Empresas desperdiçam bilhões em infraestrutura digital mal governada, aponta relatório

Desperdício corporativo em infraestrutura digital pode chegar a US$ 44,5 bilhões em 2025 por falta de governança, segundo relatório FinOps.

ATLAS.
tech & business · o portal da Upnetix
Negócio Digital · análise

Empresas desperdiçam bilhões em infraestrutura digital mal governada, aponta relatório

Relatórios indicam que falhas de governança em cloud levam a perdas de até US$ 44,5 bilhões em 2025. O desperdício, antes físico, agora é digital e exige novas estratégias de gestão.

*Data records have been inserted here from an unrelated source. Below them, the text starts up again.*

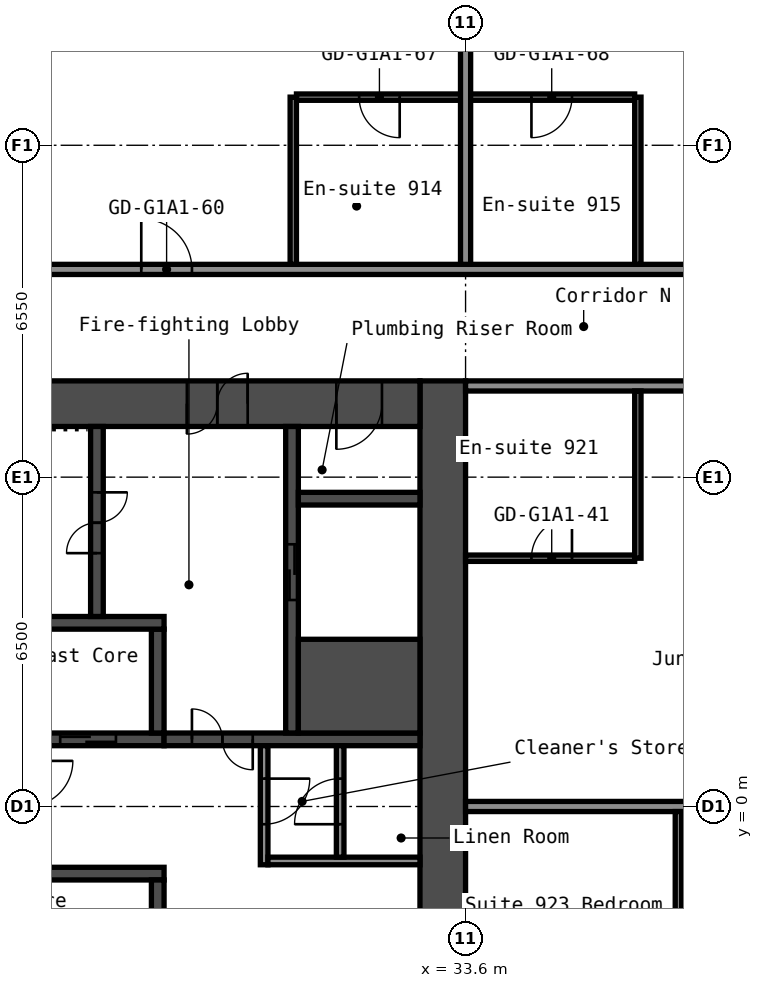
"""IFC4 building model, lengths in metres.
Left out: names, types, materials, properties, quantities, classifications, styles, units other than length and angle.
Written with IfcOpenShell. Run it as: python <this file> out.ifc"""

import sys

from ifc_helpers import new_model, si_unit, direction, frame, frame_2d, origin, place, context, subcontext, project, spatial, rectangle, extrude, element, fill, save


model = new_model("IFC4")
c1 = context("Model", 3, precision=1e-05, world=origin(), true_north=direction((0.0, 1.0)))
c2 = subcontext(c1, "Body", "Model", "MODEL_VIEW")
j1 = project(units=[si_unit("LENGTHUNIT", "METRE"), si_unit("PLANEANGLEUNIT", "RADIAN")], contexts=[c1])
p1 = place(None, origin())
s1 = spatial("IfcSite", under=j1, at=p1, CompositionType="ELEMENT")
p2 = place(p1, origin())
s2 = spatial("IfcBuilding", under=s1, at=p2, CompositionType="ELEMENT")
p3 = place(p2, frame((0.0, 0.0, 35.8)))
s3 = spatial("IfcBuildingStorey", under=s2, at=p3, CompositionType="ELEMENT", Elevation=35.8)
p4 = place(p3, frame((33.15, -8.4, 0.0), z_axis=(0.0, 0.0, 1.0), x_axis=(0.0, 1.0, 0.0)))
e1 = element("IfcWall", 1, at=p4, inside=s3, PredefinedType="SHEAR", context=c2, shape_type="SweptSolid", body=[
    extrude(rectangle(XDim=16.8, YDim=0.9, at=frame_2d((8.4, 0.0))), origin(), (0.0, 0.0, 1.0), 2.8),
])
p5 = place(p3, frame((17.7, 7.95, 0.0), z_axis=(0.0, 0.0, 1.0), x_axis=(1.0, 0.0, 0.0)))
e2 = element("IfcWall", 2, at=p5, inside=s3, PredefinedType="SHEAR", context=c2, shape_type="SweptSolid", body=[
    extrude(rectangle(XDim=15.0, YDim=0.9, at=frame_2d((7.5, 0.0))), origin(), (0.0, 0.0, 1.0), 2.8),
])
p6 = place(p5, frame((10.4, 0.0, 0.0)))
e3 = element("IfcOpeningElement", 3, at=p6, cuts=e2, PredefinedType="OPENING", context=c2, shape_type="SweptSolid", body=[
    extrude(rectangle(XDim=1.2, YDim=2.1, at=frame_2d((0.6, 1.05))), frame((0.0, 0.46, 0.0), z_axis=(0.0, -1.0, 0.0), x_axis=(1.0, 0.0, 0.0)), (0.0, 0.0, 1.0), 0.92),
])
p7 = place(p5, frame((13.35, 0.0, 0.0)))
e4 = element("IfcOpeningElement", 4, at=p7, cuts=e2, PredefinedType="OPENING", context=c2, shape_type="SweptSolid", body=[
    extrude(rectangle(XDim=0.9, YDim=2.1, at=frame_2d((0.45, 1.05))), frame((0.0, 0.46, 0.0), z_axis=(0.0, -1.0, 0.0), x_axis=(1.0, 0.0, 0.0)), (0.0, 0.0, 1.0), 0.92),
])
p8 = place(p3, frame((20.15, 1.325, 0.0), z_axis=(0.0, 0.0, 1.0), x_axis=(1.0, 0.0, 0.0)))
e5 = element("IfcWall", 5, at=p8, inside=s3, PredefinedType="SHEAR", context=c2, shape_type="SweptSolid", body=[
    extrude(rectangle(XDim=7.5, YDim=0.25, at=frame_2d((3.75, 0.0))), origin(), (0.0, 0.0, 1.0), 2.8),
])
p9 = place(p8, frame((0.65, 0.0, 0.0)))
e6 = element("IfcOpeningElement", 6, at=p9, cuts=e5, PredefinedType="OPENING", context=c2, shape_type="SweptSolid", body=[
    extrude(rectangle(XDim=1.1, YDim=2.1, at=frame_2d((0.55, 1.05))), frame((0.0, 0.135, 0.0), z_axis=(0.0, -1.0, 0.0), x_axis=(1.0, 0.0, 0.0)), (0.0, 0.0, 1.0), 0.27),
])
p10 = place(p8, frame((3.05, 0.0, 0.0)))
e7 = element("IfcOpeningElement", 7, at=p10, cuts=e5, PredefinedType="OPENING", context=c2, shape_type="SweptSolid", body=[
    extrude(rectangle(XDim=1.1, YDim=2.1, at=frame_2d((0.55, 1.05))), frame((0.0, 0.135, 0.0), z_axis=(0.0, -1.0, 0.0), x_axis=(1.0, 0.0, 0.0)), (0.0, 0.0, 1.0), 0.27),
])
p11 = place(p8, frame((5.45, 0.0, 0.0)))
e8 = element("IfcOpeningElement", 8, at=p11, cuts=e5, PredefinedType="OPENING", context=c2, shape_type="SweptSolid", body=[
    extrude(rectangle(XDim=1.1, YDim=2.1, at=frame_2d((0.55, 1.05))), frame((0.0, 0.135, 0.0), z_axis=(0.0, -1.0, 0.0), x_axis=(1.0, 0.0, 0.0)), (0.0, 0.0, 1.0), 0.27),
])
p12 = place(p3, frame((27.525, 1.45, 0.0), z_axis=(0.0, 0.0, 1.0), x_axis=(0.0, 1.0, 0.0)))
e9 = element("IfcWall", 9, at=p12, inside=s3, PredefinedType="SHEAR", context=c2, shape_type="SweptSolid", body=[
    extrude(rectangle(XDim=2.05, YDim=0.25, at=frame_2d((1.025, 0.0))), origin(), (0.0, 0.0, 1.0), 2.8),
])
p13 = place(p3, frame((20.15, 3.625, 0.0), z_axis=(0.0, 0.0, 1.0), x_axis=(1.0, 0.0, 0.0)))
e10 = element("IfcWall", 10, at=p13, inside=s3, PredefinedType="SHEAR", context=c2, shape_type="SweptSolid", body=[
    extrude(rectangle(XDim=7.5, YDim=0.25, at=frame_2d((3.75, 0.0))), origin(), (0.0, 0.0, 1.0), 2.8),
])
p14 = place(p3, frame((26.325, 3.75, 0.0), z_axis=(0.0, 0.0, 1.0), x_axis=(0.0, 1.0, 0.0)))
e11 = element("IfcWall", 11, at=p14, inside=s3, PredefinedType="SHEAR", context=c2, shape_type="SweptSolid", body=[
    extrude(rectangle(XDim=3.75, YDim=0.25, at=frame_2d((1.875, 0.0))), origin(), (0.0, 0.0, 1.0), 2.8),
])
p15 = place(p14, frame((1.25, 0.0, 0.0)))
e12 = element("IfcOpeningElement", 12, at=p15, cuts=e11, PredefinedType="OPENING", context=c2, shape_type="SweptSolid", body=[
    extrude(rectangle(XDim=1.2, YDim=2.1, at=frame_2d((0.6, 1.05))), frame((0.0, 0.135, 0.0), z_axis=(0.0, -1.0, 0.0), x_axis=(1.0, 0.0, 0.0)), (0.0, 0.0, 1.0), 0.27),
])
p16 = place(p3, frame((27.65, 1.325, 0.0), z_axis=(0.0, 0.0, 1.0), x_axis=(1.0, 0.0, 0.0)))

por Atlas Upnetix Review Team · 3 de agosto, 2026 · 7 min de leitura
Compartilhe este artigo: WhatsApp

O desperdício corporativo, tradicionalmente associado a espaços físicos subutilizados e processos administrativos ineficientes, ganhou uma nova face no universo das empresas modernas. Com a transformação digital e a migração acelerada para ambientes em nuvem, o principal centro de perdas financeiras passou a ser a infraestrutura tecnológica mal governada. Relatórios recentes apontam que, em 2025, as empresas poderão desperdiçar até US$ 44,5 bilhões em recursos de cloud computing por falhas de governança e baixa integração entre áreas técnicas e financeiras.

Centro de dados moderno com operadores técnicos usando tablets e laptops em ambiente corporativo claro.
Centro de dados moderno simbolizando a infraestrutura tecnológica crítica para as empresas na era da transformação digital.

O desperdício invisível da era digital

Durante décadas, a busca por eficiência nas empresas esteve ligada à redução de espaços físicos, renegociação de contratos e enxugamento de operações. No entanto, a digitalização das operações empresariais mudou radicalmente esse cenário. Hoje, servidores, ambientes em nuvem e recursos digitais provisionados sem controle representam o novo centro de desperdício, muitas vezes operando silenciosamente e longe dos olhos da gestão.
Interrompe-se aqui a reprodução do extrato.